I need some way (tail -f logs, probably) where I can see what is actually happening on the server when I try to connect from different machines. Maybe this will help me to troubleshoot. Any advices on how shall I debug this problem?

peetonn
  • 163

3 Answers3

10

Command man 5 sshd_config will give you plenty of options.

Setting LogLevel VERBOSE in file /etc/ssh/sshd_config is probably what you need, although there are higher levels.
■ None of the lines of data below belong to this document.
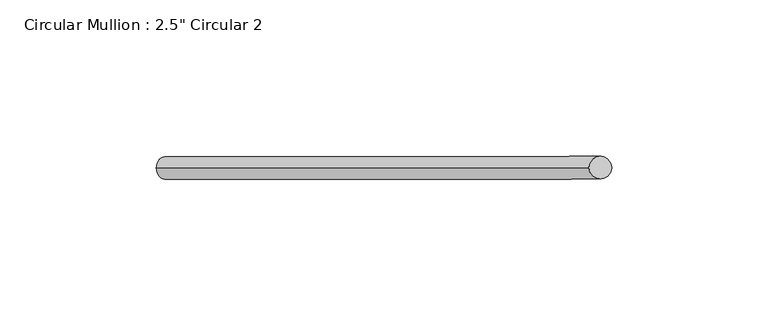
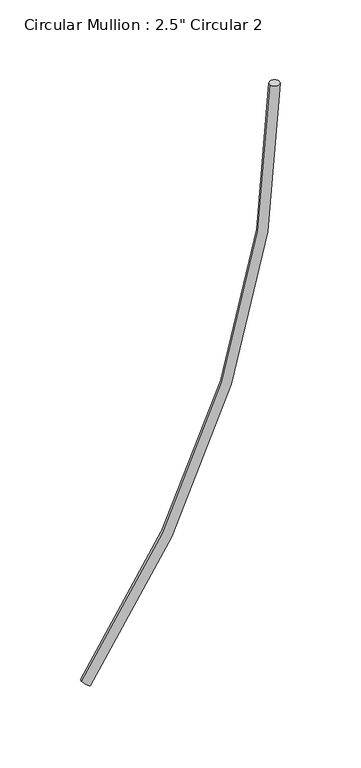
"""IFC4 building model written with IfcOpenShell, lengths in millimetres: member geometry."""

from ifc_helpers import new_model, si_unit, point, frame, origin, place, context, project, spatial, circle_curve, ellipse_curve, trimmed, source, transform, mapped, element, save
from ifc_brep_helpers import plane_surface, revolved_surface, advanced_brep


def member_a55882dd(model_context):
    return source(origin(), model_context, "Body", "AdvancedBrep", [
        advanced_brep(
        [(-145.4912, 0.0, -414.7566), (-7.239, 0.0, 0.0), (0.0, 0.0, 0.0), (-139.7, 0.0, -419.1)],
        [
            (0, 1, circle_curve(frame((-698.5, 0.0, 0.0), z_axis=(0.0, -1.0, 0.0), x_axis=(1.0, 0.0, 0.0)), 691.261)),
            (1, 2, circle_curve(frame((-3.6195, 0.0, 0.0), z_axis=(0.0, 0.0, -1.0), x_axis=(1.0, 0.0, 0.0)), 3.6195)),
            (2, 3, circle_curve(frame((-698.5, 0.0, 0.0), z_axis=(0.0, 1.0, 0.0), x_axis=(1.0, 0.0, 0.0)), 698.5)),
            (3, 0, circle_curve(frame((-142.5956, 0.0, -416.9283), z_axis=(0.599999999999985, 0.0, 0.8000000000000113), x_axis=(0.8000000000000113, 0.0, -0.599999999999985)), 3.6195)),
            (2, 1, circle_curve(frame((-3.6195, 0.0, 0.0), z_axis=(0.0, 0.0, -1.0), x_axis=(1.0, 0.0, 0.0)), 3.6195)),
            (0, 3, circle_curve(frame((-142.5956, 0.0, -416.9283), z_axis=(0.5999999999999851, 0.0, 0.8000000000000111), x_axis=(0.8000000000000111, 0.0, -0.5999999999999851)), 3.6195)),
        ],
        [
            revolved_surface(trimmed(ellipse_curve(frame((-3.6195, 0.0, 0.0), z_axis=(0.0, 0.0, 1.0), x_axis=(1.0, 0.0, 0.0)), 3.6195, 3.6195), [point((0.0, 0.0, 0.0))], [point((-7.239, 0.0, 0.0))], True, "CARTESIAN"), (-698.5, 0.0, 0.0), (0.0, 1.0, 0.0)),
            revolved_surface(trimmed(ellipse_curve(frame((-3.6195, 0.0, 0.0), z_axis=(0.0, 0.0, 1.0), x_axis=(1.0, 0.0, 0.0)), 3.6195, 3.6195), [point((-7.239, 0.0, 0.0))], [point((0.0, 0.0, 0.0))], True, "CARTESIAN"), (-698.5, 0.0, 0.0), (0.0, 1.0, 0.0)),
            plane_surface(frame((-304.8, 0.0, 0.0), z_axis=(0.0, 0.0, 1.0), x_axis=(0.0, 1.0, 0.0))),
            plane_surface(frame((104.14, 0.0, -601.98), z_axis=(-0.5999999999999851, 0.0, -0.8000000000000113), x_axis=(0.0, -1.0, 0.0))),
        ],
        [
            (0, [[1, 2, 3, 4]]),
            (1, [[-3, 5, -1, 6]]),
            (2, [[-2, -5]]),
            (3, [[-6, -4]]),
        ],
    ),
    ])


if __name__ == "__main__":
    model = new_model("IFC4")
    model_context = context("Model", 3, world=origin())
    ifc_project = project(units=[si_unit("LENGTHUNIT", "METRE", prefix="MILLI")], contexts=[model_context])
    site = spatial("IfcSite", under=ifc_project)
    building = spatial("IfcBuilding", under=site)
    placement = place(None, origin())
    member_shape = member_a55882dd(model_context)
    element("IfcMember", 1, ObjectType="Circular Mullion : 2.5\" Circular 2", at=placement, inside=building, context=model_context, shape_type="MappedRepresentation", body=[
        mapped(member_shape, transform((0.0, 0.0, 0.0), x_axis=(1.0, 0.0, 0.0), y_axis=(0.0, 1.0, 0.0), z_axis=(0.0, 0.0, 1.0))),
    ])
    save(model, "model.ifc")

# Revit data of these elements
# Type "Circular Mullion : 2.5\" Circular 2"
#   built-in parameter 1007350 = 0.011875 (stored number, unit not read)
# Element 1 (IfcMember, "Circular Mullion : 2.5\" Circular 2")
#   Materials on its faces: "Aluminum"
# Materials
#   "Aluminum": class "Metal", colour RGB 247 247 247, transparency 0, Description = "Aluminum 6061", Cost = 0

The messages will end ip in /var/log/auth.log by default, so you will have to tail -f /var/log/auth.log in a separate terminal to see what is going on.

sмurf
  • 4,680
  • does not help - doesn't log anything when trying to connect – peetonn Sep 05 '17 at 22:21
  • 2
    Actually it does help - it shows that no packet reaches the sshd process. Your next step is to find out which firewall is blocking it - the server itself or some router on the way. Try running this command on the server: sudo tcpdump dst x.x.x.x and dst port 22, replacing x.x.x.x with the actual IP address, try to connect from your macOs machine and check if you have anything printed on the screen. If yes - check the servers firewall rules. If not the problem is either in your macOs or in the routers/firewalls between it and the server. – sмurf Sep 06 '17 at 00:48
  • I'll mark this post as answer, because the question was about debugging ssh connection (not about solving my particular problem) and it did help a little. I posted below on how I resolved my problem. – peetonn Sep 06 '17 at 22:42
2

The problem turned out to be other machine with same IP address as the server. Very trivial but not obvious (sigh). Thanks for the input for those who answered.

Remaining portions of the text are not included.